## Code Snippet: Theorem Proving ### Overview The image shows a code snippet, likely from a theorem prover or interactive proof assistant. It defines a theorem related to real number logarithms and provides the steps to prove it. The code is displayed within a dark-themed window with standard close/minimize/maximize buttons. ### Components/Axes * **Window Controls:** Red, yellow, and green circles in the top-left corner, representing close, minimize, and maximize buttons respectively. * **Code Block:** * `theorem mathd_algebra_484 : Real.log 27 / Real.log 3 = 3 := by` * `field_simp` * `rw [← Real.log_rpow]` * `all_goals norm_num` ### Detailed Analysis or ### Content Details The code snippet defines a theorem named `mathd_algebra_484`. The theorem states that `Real.log 27 / Real.log 3` is equal to 3. The proof is provided using the `by` keyword, followed by a sequence of tactics: 1. `field_simp`: Simplifies the expression using field axioms. 2. `rw [← Real.log_rpow]`: Rewrites the expression using the `Real.log_rpow` theorem, applying it in reverse (indicated by the left arrow `←`).
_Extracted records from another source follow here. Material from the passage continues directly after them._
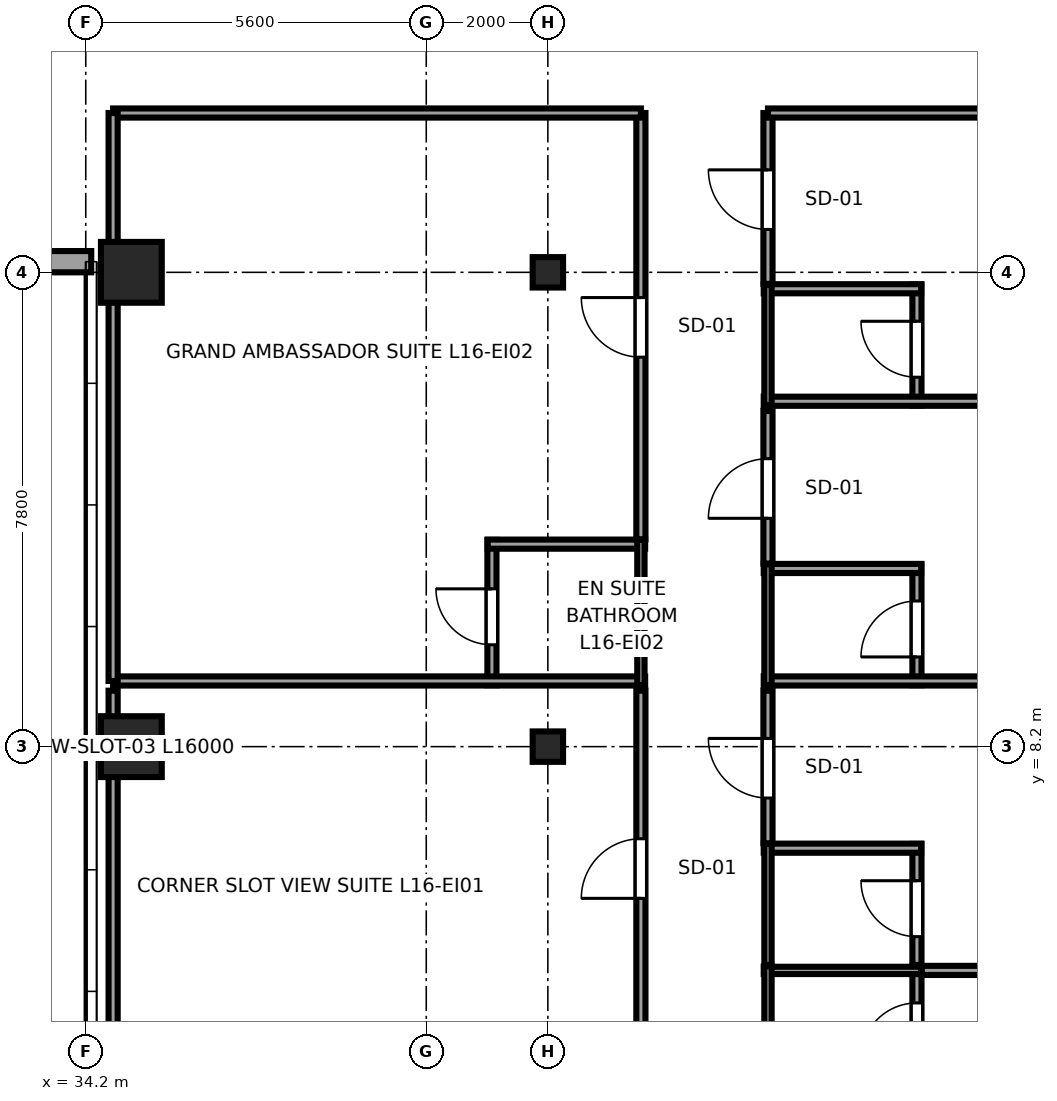
"""IFC4 building model, lengths in metres.
Left out: names, types, materials, properties, quantities, classifications, styles, units other than length and angle.
Written with IfcOpenShell. Run it as: python <this file> out.ifc"""

import sys

from ifc_helpers import new_model, si_unit, direction, frame, frame_2d, origin, origin_2d, place, context, subcontext, project, spatial, rectangle, i_section, extrude, source, transform, mapped, element, fill, save


model = new_model("IFC4")
c1 = context("Model", 3, precision=1e-05, world=origin(), true_north=direction((0.0, 1.0)))
c2 = subcontext(c1, "Body", "Model", "MODEL_VIEW")
j1 = project(units=[si_unit("LENGTHUNIT", "METRE"), si_unit("PLANEANGLEUNIT", "RADIAN")], contexts=[c1])
p1 = place(None, origin())
s1 = spatial("IfcSite", under=j1, at=p1, CompositionType="ELEMENT")
p2 = place(p1, origin())
s2 = spatial("IfcBuilding", under=s1, at=p2, CompositionType="ELEMENT")
p3 = place(p2, frame((0.0, 0.0, 67.5)))
s3 = spatial("IfcBuildingStorey", under=s2, at=p3, CompositionType="ELEMENT", Elevation=67.5)
m1 = source(origin(), c2, "Body", "SweptSolid", [
    extrude(rectangle(XDim=1.0, YDim=1.0, at=origin_2d()), origin(), (0.0, 0.0, 1.0), 3.55),
])
for number, where, z_axis, x_axis in (
    (1, (34.95, 8.2, 0.0), (0.0, 0.0, 1.0), (1.0, 0.0, 0.0)),
    (2, (34.95, 16.0, 0.0), (0.0, 0.0, 1.0), (1.0, 0.0, 0.0)),
):
    element("IfcColumn", number, at=place(p3, frame(where, z_axis=z_axis, x_axis=x_axis)), inside=s3, PredefinedType="COLUMN", context=c2, shape_type="MappedRepresentation", body=[
        mapped(m1, transform((0.0, 0.0, 0.0), x_axis=(1.0, 0.0, 0.0), y_axis=(0.0, 1.0, 0.0), z_axis=(0.0, 0.0, 1.0), scale=1.0)),
    ])
m2 = source(origin(), c2, "Body", "SweptSolid", [
    extrude(i_section(OverallWidth=0.5, OverallDepth=0.5, WebThickness=0.028, FlangeThickness=0.045, at=origin_2d()), origin(), (0.0, 0.0, 1.0), 3.55),
])
for number, where, z_axis, x_axis in (
    (3, (41.8, 8.2, 0.0), (0.0, 0.0, 1.0), (1.0, 0.0, 0.0)),
    (4, (41.8, 16.0, 0.0), (0.0, 0.0, 1.0), (1.0, 0.0, 0.0)),
):
    element("IfcColumn", number, at=place(p3, frame(where, z_axis=z_axis, x_axis=x_axis)), inside=s3, PredefinedType="COLUMN", context=c2, shape_type="MappedRepresentation", body=[
        mapped(m2, transform((0.0, 0.0, 0.0), x_axis=(1.0, 0.0, 0.0), y_axis=(0.0, 1.0, 0.0), z_axis=(0.0, 0.0, 1.0), scale=1.0)),
    ])
p4 = place(p3, frame((22.71, 16.175, 0.0), z_axis=(0.0, 0.0, 1.0), x_axis=(1.0, 0.0, 0.0)))
e5 = element("IfcWall", 5, at=p4, inside=s3, PredefinedType="SOLIDWALL", context=c2, shape_type="SweptSolid", body=[
    extrude(rectangle(XDim=11.58, YDim=0.35, at=frame_2d((5.79, 0.0))), origin(), (0.0, 0.0, 1.0), 2.748),
])
p5 = place(p4, frame((2.22, 0.0, 0.68)))
e6 = element("IfcOpeningElement", 6, at=p5, cuts=e5, PredefinedType="OPENING", context=c2, shape_type="SweptSolid", body=[
    extrude(rectangle(XDim=1.95, YDim=1.82, at=frame_2d((0.975, 0.91))), frame((0.0, 0.185, 0.0), z_axis=(0.0, -1.0, 0.0), x_axis=(1.0, 0.0, 0.0)), (0.0, 0.0, 1.0), 0.37),
])
p6 = place(p4, frame((7.41, 0.0, 0.68)))
e7 = element("IfcOpeningElement", 7, at=p6, cuts=e5, PredefinedType="OPENING", context=c2, shape_type="SweptSolid", body=[
    extrude(rectangle(XDim=1.95, YDim=1.82, at=frame_2d((0.975, 0.91))), frame((0.0, 0.185, 0.0), z_axis=(0.0, -1.0, 0.0), x_axis=(1.0, 0.0, 0.0)), (0.0, 0.0, 1.0), 0.37),
])
p7 = place(p3, frame((40.88, 9.21, 0.0), z_axis=(0.0, 0.0, 1.0), x_axis=(0.0, 1.0, 0.0)))
e8 = element("IfcWall", 8, at=p7, inside=s3, PredefinedType="PARTITIONING", context=c2, shape_type="SweptSolid", body=[
    extrude(rectangle(XDim=2.39, YDim=0.15, at=frame_2d((1.195, 0.0))), origin(), (0.0, 0.0, 1.0), 3.37),
])
p8 = place(p7, frame((0.665, 0.0, 0.0)))
e9 = element("IfcOpeningElement", 9, at=p8, cuts=e8, PredefinedType="OPENING", context=c2, shape_type="SweptSolid", body=[
    extrude(rectangle(XDim=0.92, YDim=2.01, at=frame_2d((0.46, 1.005))), frame((0.0, 0.085, 0.0), z_axis=(0.0, -1.0, 0.0), x_axis=(1.0, 0.0, 0.0)), (0.0, 0.0, 1.0), 0.17),
])
p9 = place(p3, frame((34.65, 9.28, 0.0), z_axis=(0.0, 0.0, 1.0), x_axis=(1.0, 0.0, 0.0)))
e10 = element("IfcWall", 10, at=p9, inside=s3, PredefinedType="PARTITIONING", context=c2, shape_type="SweptSolid", body=[
    extrude(rectangle(XDim=8.75, YDim=0.15, at=frame_2d((4.375, 0.0))), origin(), (0.0, 0.0, 1.0), 3.37),
])
p10 = place(p3, frame((40.81, 11.53, 0.0), z_axis=(0.0, 0.0, 1.0), x_axis=(1.0, 0.0, 0.0)))
e11 = element("IfcWall", 11, at=p10, inside=s3, PredefinedType="PARTITIONING", context=c2, shape_type="SweptSolid", body=[
    extrude(rectangle(XDim=2.59, YDim=0.15, at=frame_2d((1.295, 0.0))), origin(), (0.0, 0.0, 1.0), 3.37),
])
p11 = place(p3, frame((43.33, 9.21, 0.0), z_axis=(0.0, 0.0, 1.0), x_axis=(0.0, 1.0, 0.0)))
e12 = element("IfcWall", 12, at=p11, inside=s3, PredefinedType="PLUMBINGWALL", context=c2, shape_type="SweptSolid", body=[
    extrude(rectangle(XDim=2.39, YDim=0.12, at=frame_2d((1.195, 0.0))), origin(), (0.0, 0.0, 1.0), 3.37),
])
p12 = place(p3, frame((47.87, 2.6, 0.0), z_axis=(0.0, 0.0, 1.0), x_axis=(0.0, 1.0, 0.0)))
e13 = element("IfcWall", 13, at=p12, inside=s3, PredefinedType="PARTITIONING", context=c2, shape_type="SweptSolid", body=[
    extrude(rectangle(XDim=1.99, YDim=0.15, at=frame_2d((0.995, 0.0))), origin(), (0.0, 0.0, 1.0), 3.37),
])
p13 = place(p12, frame((0.465, 0.0, 0.0)))
e14 = element("IfcOpeningElement", 14, at=p13, cuts=e13, PredefinedType="OPENING", context=c2, shape_type="SweptSolid", body=[
    extrude(rectangle(XDim=0.92, YDim=2.01, at=frame_2d((0.46, 1.005))), frame((0.0, 0.085, 0.0), z_axis=(0.0, -1.0, 0.0), x_axis=(1.0, 0.0, 0.0)), (0.0, 0.0, 1.0), 0.17),
])
p14 = place(p3, frame((45.35, 4.52, 0.0), z_axis=(0.0, 0.0, 1.0), x_axis=(1.0, 0.0, 0.0)))
e15 = element("IfcWall", 15, at=p14, inside=s3, PredefinedType="PLUMBINGWALL", context=c2, shape_type="SweptSolid", body=[
    extrude(rectangle(XDim=2.59, YDim=0.12, at=frame_2d((1.295, 0.0))), origin(), (0.0, 0.0, 1.0), 3.37),
])
p15 = place(p3, frame((45.42, 2.6, 0.0), z_axis=(0.0, 0.0, 1.0), x_axis=(0.0, 1.0, 0.0)))
e16 = element("IfcWall", 16, at=p15, inside=s3, PredefinedType="PLUMBINGWALL", context=c2, shape_type="SweptSolid", body=[
    extrude(rectangle(XDim=1.99, YDim=0.12, at=frame_2d((0.995, 0.0))), origin(), (0.0, 0.0, 1.0), 3.37),
])
p16 = place(p3, frame((47.87, 4.61, 0.0), z_axis=(0.0, 0.0, 1.0), x_axis=(0.0, 1.0, 0.0)))
e17 = element("IfcWall", 17, at=p16, inside=s3, PredefinedType="PARTITIONING", context=c2, shape_type="SweptSolid", body=[
    extrude(rectangle(XDim=1.99, YDim=0.15, at=frame_2d((0.995, 0.0))), origin(), (0.0, 0.0, 1.0), 3.37),
])
p17 = place(p16, frame((0.465, 0.0, 0.0)))
e18 = element("IfcOpeningElement", 18, at=p17, cuts=e17, PredefinedType="OPENING", context=c2, shape_type="SweptSolid", body=[
    extrude(rectangle(XDim=0.92, YDim=2.01, at=frame_2d((0.46, 1.005))), frame((0.0, 0.085, 0.0), z_axis=(0.0, -1.0, 0.0), x_axis=(1.0, 0.0, 0.0)), (0.0, 0.0, 1.0), 0.17),
])
p18 = place(p3, frame((45.35, 6.53, 0.0), z_axis=(0.0, 0.0, 1.0), x_axis=(1.0, 0.0, 0.0)))
e19 = element("IfcWall", 19, at=p18, inside=s3, PredefinedType="PARTITIONING", context=c2, shape_type="SweptSolid", body=[
    extrude(rectangle(XDim=2.59, YDim=0.15, at=frame_2d((1.295, 0.0))), origin(), (0.0, 0.0, 1.0), 3.37),
])
p19 = place(p3, frame((45.42, 4.61, 0.0), z_axis=(0.0, 0.0, 1.0), x_axis=(0.0, 1.0, 0.0)))
e20 = element("IfcWall", 20, at=p19, inside=s3, PredefinedType="PLUMBINGWALL", context=c2, shape_type="SweptSolid", body=[
    extrude(rectangle(XDim=1.99, YDim=0.12, at=frame_2d((0.995, 0.0))), origin(), (0.0, 0.0, 1.0), 3.37),
])
p20 = place(p3, frame((47.87, 9.21, 0.0), z_axis=(0.0, 0.0, 1.0), x_axis=(0.0, 1.0, 0.0)))
e21 = element("IfcWall", 21, at=p20, inside=s3, PredefinedType="PARTITIONING", context=c2, shape_type="SweptSolid", body=[
    extrude(rectangle(XDim=1.99, YDim=0.15, at=frame_2d((0.995, 0.0))), origin(), (0.0, 0.0, 1.0), 3.37),
])
p21 = place(p20, frame((0.465, 0.0, 0.0)))
e22 = element("IfcOpeningElement", 22, at=p21, cuts=e21, PredefinedType="OPENING", context=c2, shape_type="SweptSolid", body=[
    extrude(rectangle(XDim=0.92, YDim=2.01, at=frame_2d((0.46, 1.005))), frame((0.0, 0.085, 0.0), z_axis=(0.0, -1.0, 0.0), x_axis=(1.0, 0.0, 0.0)), (0.0, 0.0, 1.0), 0.17),
])
p22 = place(p3, frame((45.35, 9.28, 0.0), z_axis=(0.0, 0.0, 1.0), x_axis=(1.0, 0.0, 0.0)))
e23 = element("IfcWall", 23, at=p22, inside=s3, PredefinedType="PARTITIONING", context=c2, shape_type="SweptSolid", body=[
    extrude(rectangle(XDim=11.245, YDim=0.15, at=frame_2d((5.623, 0.0))), origin(), (0.0, 0.0, 1.0), 3.37),
])
p23 = place(p3, frame((45.35, 11.13, 0.0), z_axis=(0.0, 0.0, 1.0), x_axis=(1.0, 0.0, 0.0)))
e24 = element("IfcWall", 24, at=p23, inside=s3, PredefinedType="PARTITIONING", context=c2, shape_type="SweptSolid", body=[
    extrude(rectangle(XDim=2.59, YDim=0.15, at=frame_2d((1.295, 0.0))), origin(), (0.0, 0.0, 1.0), 3.37),
])
p24 = place(p3, frame((45.42, 9.21, 0.0), z_axis=(0.0, 0.0, 1.0), x_axis=(0.0, 1.0, 0.0)))
e25 = element("IfcWall", 25, at=p24, inside=s3, PredefinedType="PLUMBINGWALL", context=c2, shape_type="SweptSolid", body=[
    extrude(rectangle(XDim=1.99, YDim=0.12, at=frame_2d((0.995, 0.0))), origin(), (0.0, 0.0, 1.0), 3.37),
])
p25 = place(p3, frame((47.87, 13.81, 0.0), z_axis=(0.0, 0.0, 1.0), x_axis=(0.0, 1.0, 0.0)))
e26 = element("IfcWall", 26, at=p25, inside=s3, PredefinedType="PARTITIONING", context=c2, shape_type="SweptSolid", body=[
    extrude(rectangle(XDim=1.99, YDim=0.15, at=frame_2d((0.995, 0.0))), origin(), (0.0, 0.0, 1.0), 3.37),
])
p26 = place(p25, frame((0.465, 0.0, 0.0)))
e27 = element("IfcOpeningElement", 27, at=p26, cuts=e26, PredefinedType="OPENING", context=c2, shape_type="SweptSolid", body=[
    extrude(rectangle(XDim=0.92, YDim=2.01, at=frame_2d((0.46, 1.005))), frame((0.0, 0.085, 0.0), z_axis=(0.0, -1.0, 0.0), x_axis=(1.0, 0.0, 0.0)), (0.0, 0.0, 1.0), 0.17),
])
p27 = place(p3, frame((45.35, 13.88, 0.0), z_axis=(0.0, 0.0, 1.0), x_axis=(1.0, 0.0, 0.0)))
e28 = element("IfcWall", 28, at=p27, inside=s3, PredefinedType="PARTITIONING", context=c2, shape_type="SweptSolid", body=[
    extrude(rectangle(XDim=11.245, YDim=0.15, at=frame_2d((5.623, 0.0))), origin(), (0.0, 0.0, 1.0), 3.37),
])
p28 = place(p3, frame((45.35, 15.73, 0.0), z_axis=(0.0, 0.0, 1.0), x_axis=(1.0, 0.0, 0.0)))
e29 = element("IfcWall", 29, at=p28, inside=s3, PredefinedType="PARTITIONING", context=c2, shape_type="SweptSolid", body=[
    extrude(rectangle(XDim=2.59, YDim=0.15, at=frame_2d((1.295, 0.0))), origin(), (0.0, 0.0, 1.0), 3.37),
])
p29 = place(p3, frame((45.42, 13.81, 0.0), z_axis=(0.0, 0.0, 1.0), x_axis=(0.0, 1.0, 0.0)))
e30 = element("IfcWall", 30, at=p29, inside=s3, PredefinedType="PLUMBINGWALL", context=c2, shape_type="SweptSolid", body=[
    extrude(rectangle(XDim=1.99, YDim=0.12, at=frame_2d((0.995, 0.0))), origin(), (0.0, 0.0, 1.0), 3.37),
])
p30 = place(p3, frame((43.33, 3.31, 0.0), z_axis=(0.0, 0.0, 1.0), x_axis=(0.0, 1.0, 0.0)))
e31 = element("IfcWall", 31, at=p30, inside=s3, PredefinedType="PARTITIONING", context=c2, shape_type="SweptSolid", body=[
    extrude(rectangle(XDim=5.81, YDim=0.15, at=frame_2d((2.905, 0.0))), origin(), (0.0, 0.0, 1.0), 3.37),
])
p31 = place(p30, frame((2.395, 0.0, 0.0)))
e32 = element("IfcOpeningElement", 32, at=p31, cuts=e31, PredefinedType="OPENING", context=c2, shape_type="SweptSolid", body=[
    extrude(rectangle(XDim=0.98, YDim=2.12, at=frame_2d((0.49, 1.06))), frame((0.0, 0.085, 0.0), z_axis=(0.0, -1.0, 0.0), x_axis=(1.0, 0.0, 0.0)), (0.0, 0.0, 1.0), 0.17),
])
p32 = place(p3, frame((34.65, 0.405, 0.0), z_axis=(0.0, 0.0, 1.0), x_axis=(0.0, 1.0, 0.0)))
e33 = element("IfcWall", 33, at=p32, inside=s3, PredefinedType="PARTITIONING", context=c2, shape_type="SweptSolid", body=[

This theorem likely relates the logarithm of a power to the product of the exponent and the logarithm of the base. 3. `all_goals norm_num`: Normalizes numerical expressions in all remaining goals. ### Key Observations * The code uses a domain-specific language (DSL) for theorem proving. * The proof relies on simplification, rewriting, and normalization tactics. * The `Real.log_rpow` theorem is a key step in the proof. ### Interpretation The code snippet demonstrates a formal proof of a simple logarithmic identity. It showcases the use of automated tactics within a theorem prover to simplify and solve mathematical problems. The theorem `Real.log_rpow` is likely used to transform `Real.log 27` into `Real.log (3^3)`, which then simplifies to `3 * Real.log 3`, allowing for cancellation with the denominator. The `norm_num` tactic likely handles the final numerical evaluation.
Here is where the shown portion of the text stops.